Description
ChatPDF功能存在的问题使用chatglm4运行 chatpdf.py直接报错。如下所示。
(mindspore) root@autodl-container-bff2469f3e-a4796232:~/autodl-tmp/ChatPDF# python chatpdf.py
Building prefix dict from the default dictionary ...
Loading model from cache /tmp/jieba.cache
Loading model cost 0.749 seconds.
Prefix dict has been built successfully.
Namespace(sim_model_name='shibing624/text2vec-base-multilingual', gen_model_type='chatglm', gen_model_name='/root/autodl-tmp/Qwen_Fine_tuning/ZhipuAI/glm-4-9b-chat', lora_model=None, rerank_model_name='', corpus_files='sample.pdf', chunk_size=220, chunk_overlap=0, num_expand_context_chunk=1)

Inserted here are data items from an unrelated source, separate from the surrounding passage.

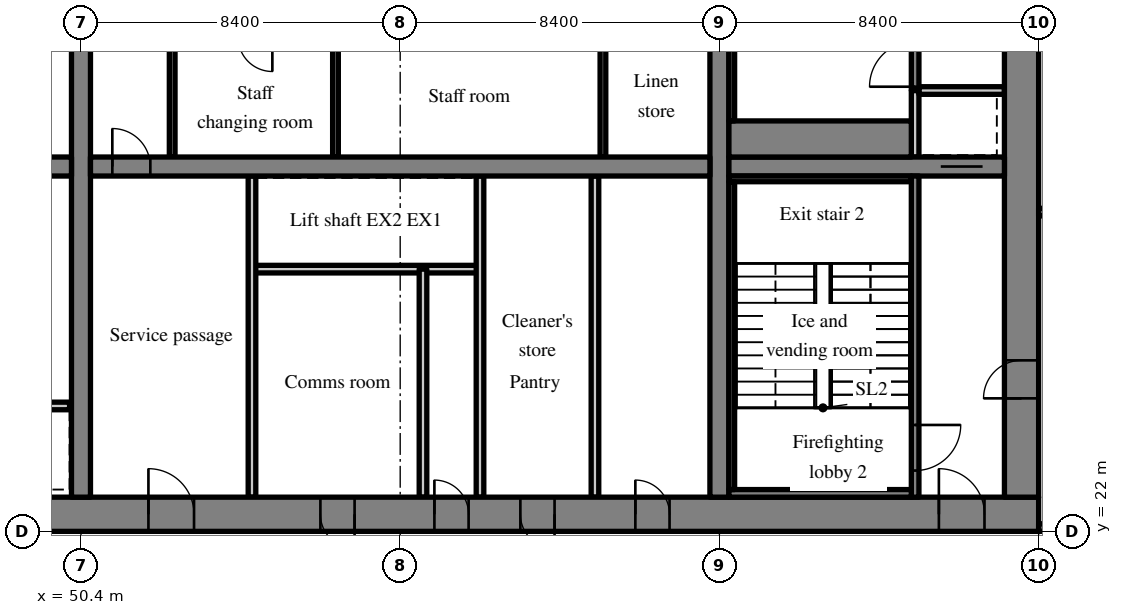
"""IFC4 building model, lengths in metres.
Left out: names, types, materials, properties, quantities, classifications, styles, units other than length and angle.
Written with IfcOpenShell. Run it as: python <this file> out.ifc"""

import sys

from ifc_helpers import new_model, si_unit, direction, frame, frame_2d, origin, place, context, subcontext, project, spatial, rectangle, extrude, source, transform, mapped, element, fill, save


model = new_model("IFC4")
c1 = context("Model", 3, precision=1e-05, world=origin(), true_north=direction((0.0, 1.0)))
c2 = subcontext(c1, "Body", "Model", "MODEL_VIEW")
j1 = project(units=[si_unit("LENGTHUNIT", "METRE"), si_unit("PLANEANGLEUNIT", "RADIAN")], contexts=[c1])
p1 = place(None, origin())
s1 = spatial("IfcSite", under=j1, at=p1, CompositionType="ELEMENT")
p2 = place(p1, origin())
s2 = spatial("IfcBuilding", under=s1, at=p2, CompositionType="ELEMENT")
p3 = place(p2, frame((0.0, 0.0, 137.0)))
s3 = spatial("IfcBuildingStorey", under=s2, at=p3, CompositionType="ELEMENT", Elevation=137.0)
m1 = source(origin(), c2, "Body", "SweptSolid", [
    extrude(rectangle(XDim=50.4, YDim=0.9, at=frame_2d((25.2, 0.0))), origin(), (0.0, 0.0, 1.0), 3.52),
])
p4 = place(p3, frame((25.2, 22.45, 0.0), z_axis=(0.0, 0.0, 1.0), x_axis=(1.0, 0.0, 0.0)))
e1 = element("IfcWall", 1, at=p4, inside=s3, PredefinedType="SHEAR", context=c2, shape_type="MappedRepresentation", body=[
    mapped(m1, transform((0.0, 0.0, 0.0), scale=1.0)),
])
m2 = source(origin(), c2, "Body", "SweptSolid", [
    extrude(rectangle(XDim=1.8, YDim=2.1, at=frame_2d((0.9, 1.05))), frame((0.0, 0.46, 0.0), z_axis=(0.0, -1.0, 0.0), x_axis=(1.0, 0.0, 0.0)), (0.0, 0.0, 1.0), 0.92),
])
p5 = place(p4, frame((15.9, 0.0, 0.0)))
e2 = element("IfcOpeningElement", 2, at=p5, cuts=e1, PredefinedType="OPENING", context=c2, shape_type="MappedRepresentation", body=[
    mapped(m2, transform((0.0, 0.0, 0.0), scale=1.0)),
])
m3 = source(origin(), c2, "Body", "SweptSolid", [
    extrude(rectangle(XDim=1.2, YDim=2.1, at=frame_2d((0.6, 1.05))), frame((0.0, 0.46, 0.0), z_axis=(0.0, -1.0, 0.0), x_axis=(1.0, 0.0, 0.0)), (0.0, 0.0, 1.0), 0.92),
])
p6 = place(p4, frame((26.975, 0.0, 0.0)))
e3 = element("IfcOpeningElement", 3, at=p6, cuts=e1, PredefinedType="OPENING", context=c2, shape_type="MappedRepresentation", body=[
    mapped(m3, transform((0.0, 0.0, 0.0), scale=1.0)),
])
m4 = source(origin(), c2, "Body", "SweptSolid", [
    extrude(rectangle(XDim=0.9, YDim=2.1, at=frame_2d((0.45, 1.05))), frame((0.0, 0.46, 0.0), z_axis=(0.0, -1.0, 0.0), x_axis=(1.0, 0.0, 0.0)), (0.0, 0.0, 1.0), 0.92),
])
p7 = place(p4, frame((34.5, 0.0, 0.0)))
e4 = element("IfcOpeningElement", 4, at=p7, cuts=e1, PredefinedType="OPENING", context=c2, shape_type="MappedRepresentation", body=[
    mapped(m4, transform((0.0, 0.0, 0.0), scale=1.0)),
])
p8 = place(p4, frame((31.5, 0.0, 0.0)))
e5 = element("IfcOpeningElement", 5, at=p8, cuts=e1, PredefinedType="OPENING", context=c2, shape_type="MappedRepresentation", body=[
    mapped(m4, transform((0.0, 0.0, 0.0), scale=1.0)),
])
p9 = place(p4, frame((39.788, 0.0, 0.0)))
e6 = element("IfcOpeningElement", 6, at=p9, cuts=e1, PredefinedType="OPENING", context=c2, shape_type="MappedRepresentation", body=[
    mapped(m4, transform((0.0, 0.0, 0.0), scale=1.0)),
])
p10 = place(p4, frame((36.762, 0.0, 0.0)))
e7 = element("IfcOpeningElement", 7, at=p10, cuts=e1, PredefinedType="OPENING", context=c2, shape_type="MappedRepresentation", body=[
    mapped(m4, transform((0.0, 0.0, 0.0), scale=1.0)),
])
p11 = place(p4, frame((6.45, 0.0, 0.0)))
e8 = element("IfcOpeningElement", 8, at=p11, cuts=e1, PredefinedType="OPENING", context=c2, shape_type="MappedRepresentation", body=[
    mapped(m3, transform((0.0, 0.0, 0.0), scale=1.0)),
])
p12 = place(p4, frame((47.775, 0.0, 0.0)))
e9 = element("IfcOpeningElement", 9, at=p12, cuts=e1, PredefinedType="OPENING", context=c2, shape_type="MappedRepresentation", body=[
    mapped(m3, transform((0.0, 0.0, 0.0), scale=1.0)),
])
m5 = source(origin(), c2, "Body", "SweptSolid", [
    extrude(rectangle(XDim=18.2, YDim=0.9, at=frame_2d((9.1, 0.0))), origin(), (0.0, 0.0, 1.0), 3.52),
])
p13 = place(p3, frame((75.15, 22.9, 0.0), z_axis=(0.0, 0.0, 1.0), x_axis=(0.0, 1.0, 0.0)))
e10 = element("IfcWall", 10, at=p13, inside=s3, PredefinedType="SHEAR", context=c2, shape_type="MappedRepresentation", body=[
    mapped(m5, transform((0.0, 0.0, 0.0), scale=1.0)),
])
m6 = source(origin(), c2, "Body", "SweptSolid", [
    extrude(rectangle(XDim=1.0, YDim=2.1, at=frame_2d((0.5, 1.05))), frame((0.0, 0.46, 0.0), z_axis=(0.0, -1.0, 0.0), x_axis=(1.0, 0.0, 0.0)), (0.0, 0.0, 1.0), 0.92),
])
p14 = place(p13, frame((2.6, 0.0, 0.0)))
e11 = element("IfcOpeningElement", 11, at=p14, cuts=e10, PredefinedType="OPENING", context=c2, shape_type="MappedRepresentation", body=[
    mapped(m6, transform((0.0, 0.0, 0.0), scale=1.0)),
])
p15 = place(p13, frame((12.5, 0.0, 0.0)))
e12 = element("IfcOpeningElement", 12, at=p15, cuts=e10, PredefinedType="OPENING", context=c2, shape_type="MappedRepresentation", body=[
    mapped(m3, transform((0.0, 0.0, 0.0), scale=1.0)),
])
m7 = source(origin(), c2, "Body", "SweptSolid", [
    extrude(rectangle(XDim=18.2, YDim=0.5, at=frame_2d((9.1, 0.0))), origin(), (0.0, 0.0, 1.0), 3.52),
])
p16 = place(p3, frame((50.4, 22.9, 0.0), z_axis=(0.0, 0.0, 1.0), x_axis=(0.0, 1.0, 0.0)))
e13 = element("IfcWall", 13, at=p16, inside=s3, PredefinedType="SHEAR", context=c2, shape_type="MappedRepresentation", body=[
    mapped(m7, transform((0.0, 0.0, 0.0), scale=1.0)),
])
m8 = source(origin(), c2, "Body", "SweptSolid", [
    extrude(rectangle(XDim=1.1, YDim=2.1, at=frame_2d((0.55, 1.05))), frame((0.0, 0.26, 0.0), z_axis=(0.0, -1.0, 0.0), x_axis=(1.0, 0.0, 0.0)), (0.0, 0.0, 1.0), 0.52),
])
p17 = place(p16, frame((12.55, 0.0, 0.0)))
e14 = element("IfcOpeningElement", 14, at=p17, cuts=e13, PredefinedType="OPENING", context=c2, shape_type="MappedRepresentation", body=[
    mapped(m8, transform((0.0, 0.0, 0.0), scale=1.0)),
])
p18 = place(p3, frame((67.2, 22.9, 0.0), z_axis=(0.0, 0.0, 1.0), x_axis=(0.0, 1.0, 0.0)))
e15 = element("IfcWall", 15, at=p18, inside=s3, PredefinedType="SHEAR", context=c2, shape_type="MappedRepresentation", body=[
    mapped(m7, transform((0.0, 0.0, 0.0), scale=1.0)),
])
m9 = source(origin(), c2, "Body", "SweptSolid", [
    extrude(rectangle(XDim=16.3, YDim=0.5, at=frame_2d((8.15, 0.0))), origin(), (0.0, 0.0, 1.0), 3.52),
])
p19 = place(p3, frame((33.85, 31.6, 0.0), z_axis=(0.0, 0.0, 1.0), x_axis=(1.0, 0.0, 0.0)))
e16 = element("IfcWall", 16, at=p19, inside=s3, PredefinedType="SHEAR", context=c2, shape_type="MappedRepresentation", body=[
    mapped(m9, transform((0.0, 0.0, 0.0), scale=1.0)),
])
m10 = source(origin(), c2, "Body", "SweptSolid", [
    extrude(rectangle(XDim=1.0, YDim=2.1, at=frame_2d((0.5, 1.05))), frame((0.0, 0.26, 0.0), z_axis=(0.0, -1.0, 0.0), x_axis=(1.0, 0.0, 0.0)), (0.0, 0.0, 1.0), 0.52),
])
p20 = place(p19, frame((14.725, 0.0, 0.0)))
e17 = element("IfcOpeningElement", 17, at=p20, cuts=e16, PredefinedType="OPENING", context=c2, shape_type="MappedRepresentation", body=[
    mapped(m10, transform((0.0, 0.0, 0.0), scale=1.0)),
])
m11 = source(origin(), c2, "Body", "SweptSolid", [
    extrude(rectangle(XDim=16.3, YDim=0.5, at=frame_2d((8.15, 0.0))), origin(), (0.0, 0.0, 1.0), 3.52),
])
p21 = place(p3, frame((50.65, 31.6, 0.0), z_axis=(0.0, 0.0, 1.0), x_axis=(1.0, 0.0, 0.0)))
e18 = element("IfcWall", 18, at=p21, inside=s3, PredefinedType="SHEAR", context=c2, shape_type="MappedRepresentation", body=[
    mapped(m11, transform((0.0, 0.0, 0.0), scale=1.0)),
])
p22 = place(p21, frame((0.575, 0.0, 0.0)))
e19 = element("IfcOpeningElement", 19, at=p22, cuts=e18, PredefinedType="OPENING", context=c2, shape_type="MappedRepresentation", body=[
    mapped(m10, transform((0.0, 0.0, 0.0), scale=1.0)),
])
m12 = source(origin(), c2, "Body", "SweptSolid", [
    extrude(rectangle(XDim=7.25, YDim=0.5, at=frame_2d((3.625, 0.0))), origin(), (0.0, 0.0, 1.0), 3.52),
])
p23 = place(p3, frame((67.45, 31.6, 0.0), z_axis=(0.0, 0.0, 1.0), x_axis=(1.0, 0.0, 0.0)))
e20 = element("IfcWall", 20, at=p23, inside=s3, PredefinedType="SHEAR", context=c2, shape_type="MappedRepresentation", body=[
    mapped(m12, transform((0.0, 0.0, 0.0), scale=1.0)),
])
p24 = place(p23, frame((5.575, 0.0, 0.0)))
e21 = element("IfcOpeningElement", 21, at=p24, cuts=e20, PredefinedType="OPENING", context=c2, shape_type="MappedRepresentation", body=[
    mapped(m8, transform((0.0, 0.0, 0.0), scale=1.0)),
])
m13 = source(origin(), c2, "Body", "SweptSolid", [
    extrude(rectangle(XDim=6.0, YDim=0.2, at=frame_2d((3.0, 0.0))), origin(), (0.0, 0.0, 1.0), 3.52),
])
p25 = place(p3, frame((44.1, 25.3, 0.0), z_axis=(0.0, 0.0, 1.0), x_axis=(1.0, 0.0, 0.0)))
e22 = element("IfcWall", 22, at=p25, inside=s3, PredefinedType="SOLIDWALL", context=c2, shape_type="MappedRepresentation", body=[
    mapped(m13, transform((0.0, 0.0, 0.0), scale=1.0)),
])
m14 = source(origin(), c2, "Body", "SweptSolid", [
    extrude(rectangle(XDim=1.1, YDim=2.1, at=frame_2d((0.55, 1.05))), frame((0.0, 0.11, 0.0), z_axis=(0.0, -1.0, 0.0), x_axis=(1.0, 0.0, 0.0)), (0.0, 0.0, 1.0), 0.22),
])
p26 = place(p25, frame((0.95, 0.0, 0.0)))
e23 = element("IfcOpeningElement", 23, at=p26, cuts=e22, PredefinedType="OPENING", context=c2, shape_type="MappedRepresentation", body=[
    mapped(m14, transform((0.0, 0.0, 0.0), scale=1.0)),
])
p27 = place(p25, frame((3.95, 0.0, 0.0)))
e24 = element("IfcOpeningElement", 24, at=p27, cuts=e22, PredefinedType="OPENING", context=c2, shape_type="MappedRepresentation", body=[
    mapped(m14, transform((0.0, 0.0, 0.0), scale=1.0)),
])
p28 = place(p3, frame((60.9, 28.9, 0.0), z_axis=(0.0, 0.0, 1.0), x_axis=(-1.0, 0.0, 0.0)))
e25 = element("IfcWall", 25, at=p28, inside=s3, PredefinedType="SOLIDWALL", context=c2, shape_type="MappedRepresentation", body=[
    mapped(m13, transform((0.0, 0.0, 0.0), scale=1.0)),
])
m15 = source(origin(), c2, "Body", "SweptSolid", [
    extrude(rectangle(XDim=8.45, YDim=0.2, at=frame_2d((4.225, 0.0))), origin(), (0.0, 0.0, 1.0), 3.52),
])
for number, where, z_axis, x_axis in (
    (26, (54.9, 22.9, 0.0), (0.0, 0.0, 1.0), (0.0, 1.0, 0.0)),
    (27, (60.9, 22.9, 0.0), (0.0, 0.0, 1.0), (0.0, 1.0, 0.0)),
):
    element("IfcWall", number, at=place(p3, frame(where, z_axis=z_axis, x_axis=x_axis)), inside=s3, PredefinedType="PARTITIONING", context=c2, shape_type="MappedRepresentation", body=[
        mapped(m15, transform((0.0, 0.0, 0.0), scale=1.0)),
    ])
p29 = place(p3, frame((59.4, 22.9, 0.0), z_axis=(0.0, 0.0, 1.0), x_axis=(0.0, 1.0, 0.0)))
e28 = element("IfcWall", 28, at=p29, inside=s3, PredefinedType="PARTITIONING", context=c2, shape_type="MappedRepresentation", body=[
    mapped(m13, transform((0.0, 0.0, 0.0), scale=1.0)),
])
p30 = place(p3, frame((63.925, 22.9, 0.0), z_axis=(0.0, 0.0, 1.0), x_axis=(0.0, 1.0, 0.0)))
e29 = element("IfcWall", 29, at=p30, inside=s3, PredefinedType="PARTITIONING", context=c2, shape_type="MappedRepresentation", body=[
    mapped(m15, transform((0.0, 0.0, 0.0), scale=1.0)),
])
m16 = source(origin(), c2, "Body", "SweptSolid", [
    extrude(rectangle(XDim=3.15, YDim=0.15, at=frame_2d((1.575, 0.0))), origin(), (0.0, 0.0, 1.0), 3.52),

The following parameters in checkpoint files are not loaded:
['embeddings.position_ids']
Traceback (most recent call last):
File "/root/autodl-tmp/ChatPDF/chatpdf.py", line 518, in
m = ChatPDF(
File "/root/autodl-tmp/ChatPDF/chatpdf.py", line 169, in init
self.gen_model, self.tokenizer = self._init_gen_model(
File "/root/autodl-tmp/ChatPDF/chatpdf.py", line 208, in _init_gen_model
tokenizer = tokenizer_class.from_pretrained(gen_model_name_or_path, mirror='modelscope')
File "/root/miniconda3/envs/mindspore/lib/python3.9/site-packages/mindnlp/transformers/models/auto/tokenization_auto.py", line 772, in from_pretrained
raise ValueError(
ValueError: Tokenizer class ChatGLM4Tokenizer does not exist or is not currently imported.